I am trying to make a decision about having my thyroid removed and I'm a little nervous. Does life improve once you have it done?


----------



## webster2 (May 19, 2011)

paisleyheart08 said:


> I am trying to make a decision about having my thyroid removed and I'm a little nervous. Does life improve once you have it done?


You know, I wonder the same thing! I had the rest of mine removed almost 2 weeks ago. I can't believe the improvements, so far. It is like waiting for the other shoe to drop. I am hoping that the improvement continues. Best wishes in making your decision. I am sure you'll get some more feedback to help you. :hugs:


----------



## paisleyheart08 (Jul 23, 2011)

Thank you!


----------



## webster2 (May 19, 2011)

well, don't get too excited yet.....wait until you hear from someone farther into the journey. But, we can hope!


----------



## I DClaire (Jul 31, 2011)

I'm convinced my life is going to improve. The past 2 years, since being diagnosed with hyperthyroidism, have been like wading around in physical/mental/emotional quicksand. Right now I'm sitting here jittery but totally exhausted - I feel like I want to jump up and tackle the world but I have so little energy and stamina.

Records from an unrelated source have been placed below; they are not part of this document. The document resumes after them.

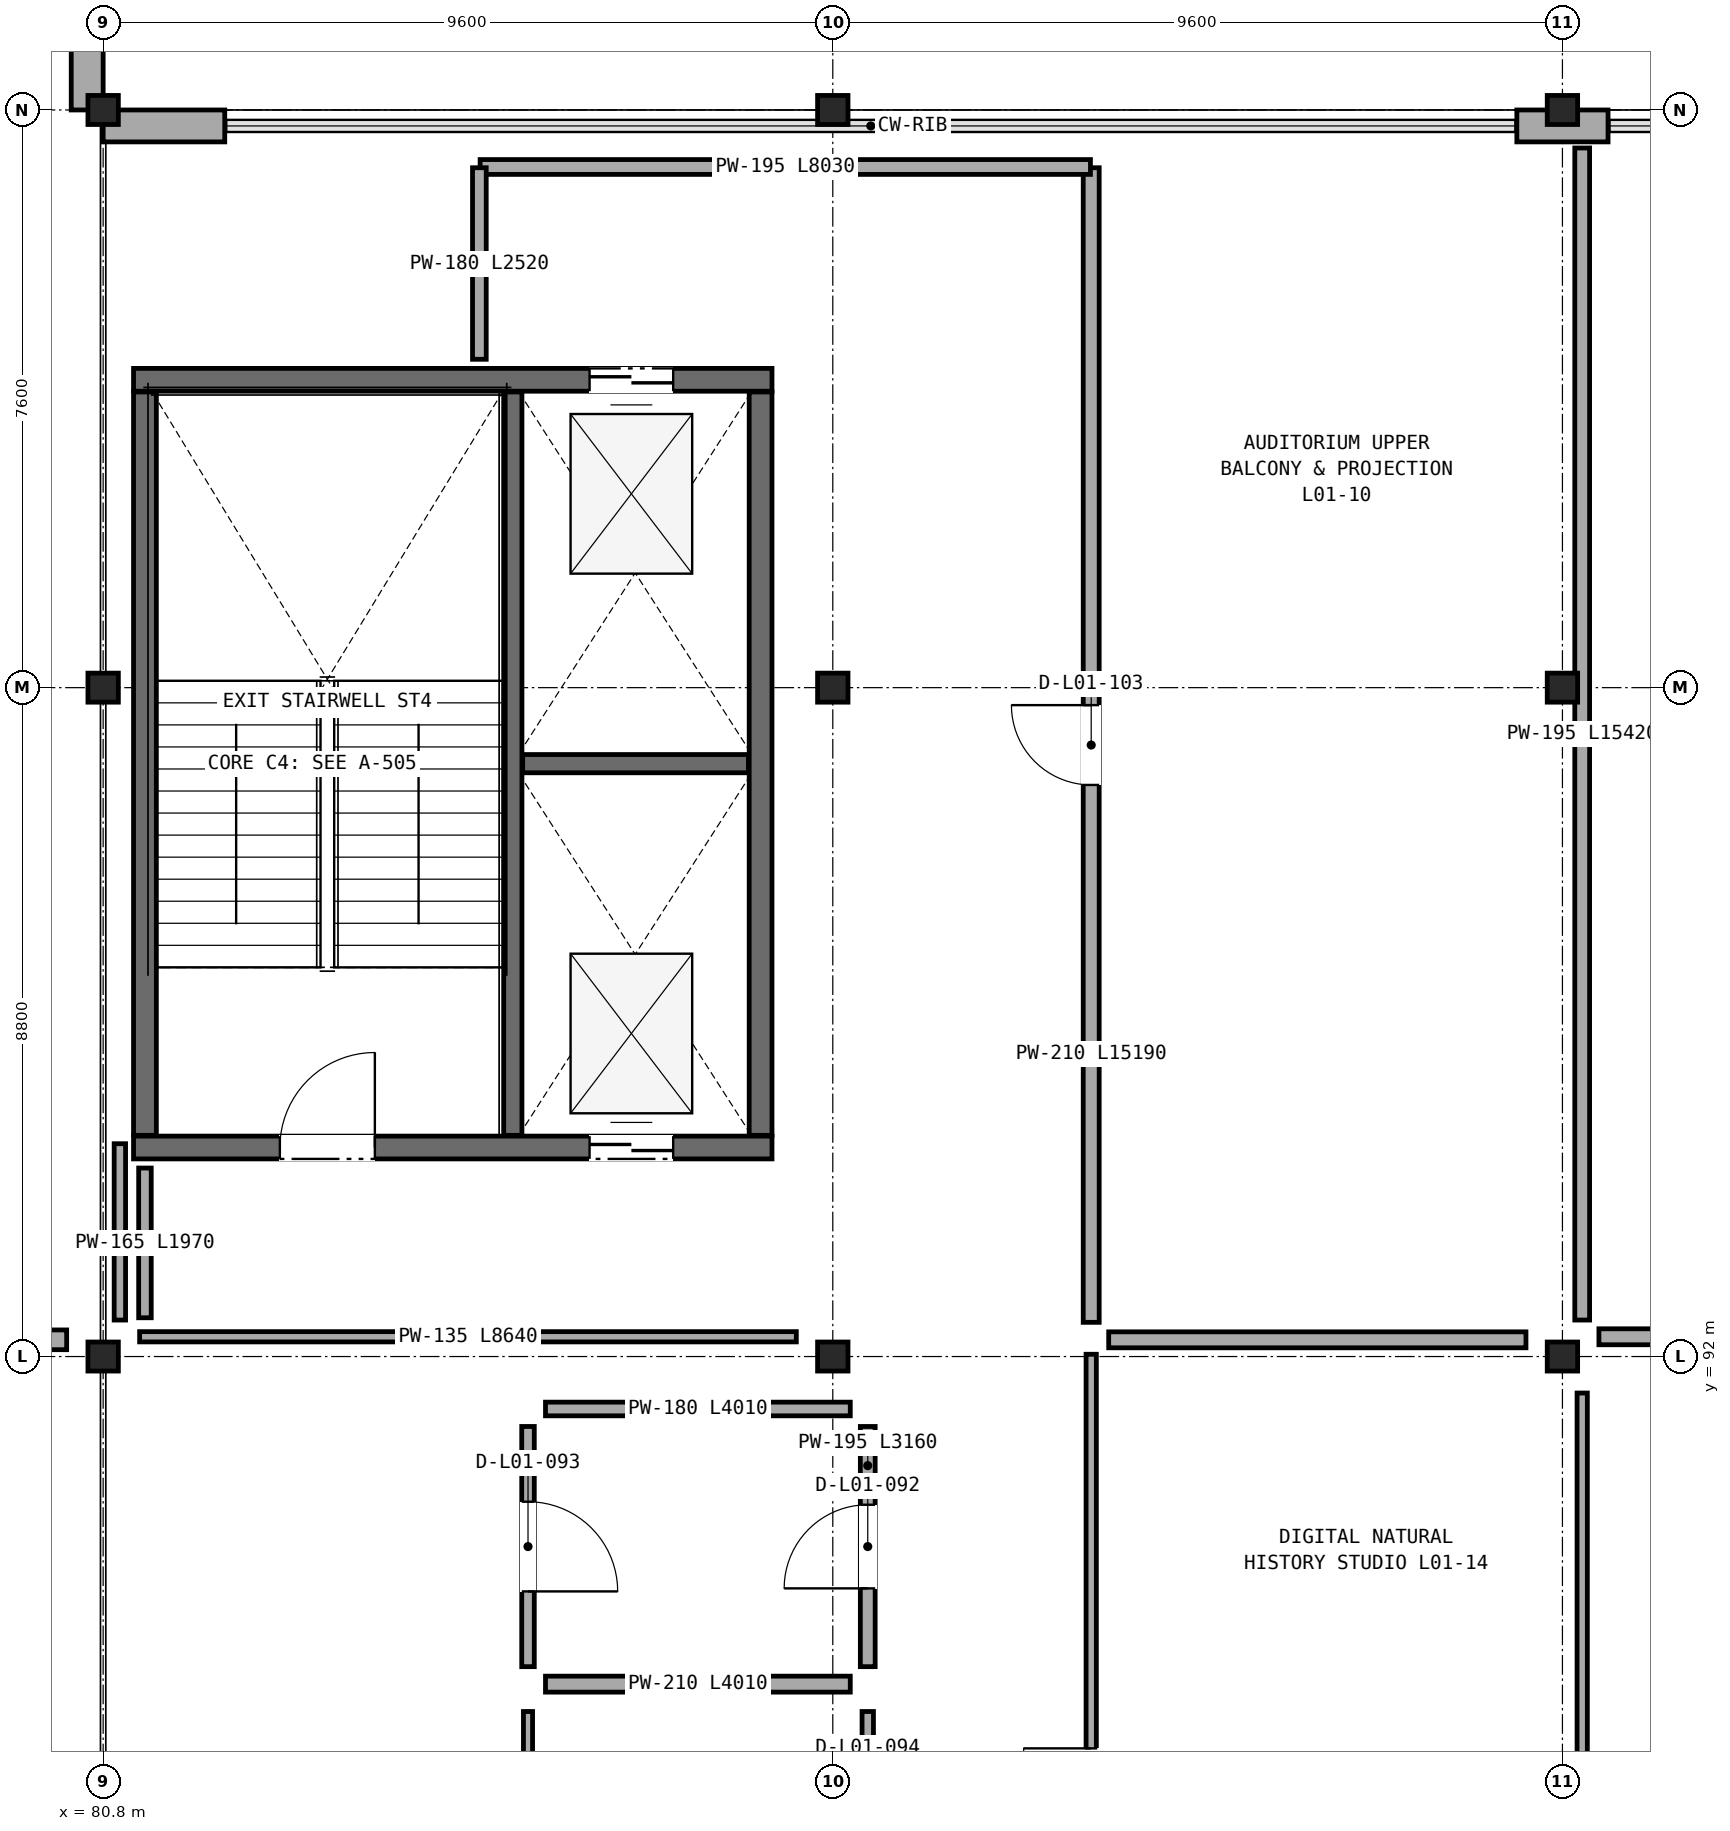
"""IFC4 building model, lengths in metres.
Left out: names, types, materials, properties, quantities, classifications, styles, units other than length and angle.
Written with IfcOpenShell. Run it as: python <this file> out.ifc"""

import sys

from ifc_helpers import new_model, si_unit, direction, frame, frame_2d, origin, origin_2d, place, context, subcontext, project, spatial, rectangle, i_section, extrude, element, fill, save


model = new_model("IFC4")
c1 = context("Model", 3, precision=1e-05, world=origin(), true_north=direction((0.0, 1.0)))
c2 = subcontext(c1, "Body", "Model", "MODEL_VIEW")
j1 = project(units=[si_unit("LENGTHUNIT", "METRE"), si_unit("PLANEANGLEUNIT", "RADIAN")], contexts=[c1])
p1 = place(None, origin())
s1 = spatial("IfcSite", under=j1, at=p1, CompositionType="ELEMENT")
p2 = place(p1, origin())
s2 = spatial("IfcBuilding", under=s1, at=p2, CompositionType="ELEMENT")
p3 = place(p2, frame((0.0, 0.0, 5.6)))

I did not used to be this way and I'm determined to do whatever it takes to get back to where I used to be, within reason.


----------



## Lovlkn (Dec 20, 2009)

After the "recalibration" of your body systems it absolutely improves. The anxiety I felt before my thyroid was removed is completely gone. I am coming up on 7 years post op and 12 years since my graves DX and can absolutely say my life is better since having my thyroid completely removed.

Proper replacement is KEY to feeling your best. If you cannot get your meds and lab levels right then you will not feel better.

Finding a doctor to monitor your replacement by testing FT-4 and FT-3 is absolutely necessary. They are out there, you may have to see several to find one but I can guarantee you they are out there.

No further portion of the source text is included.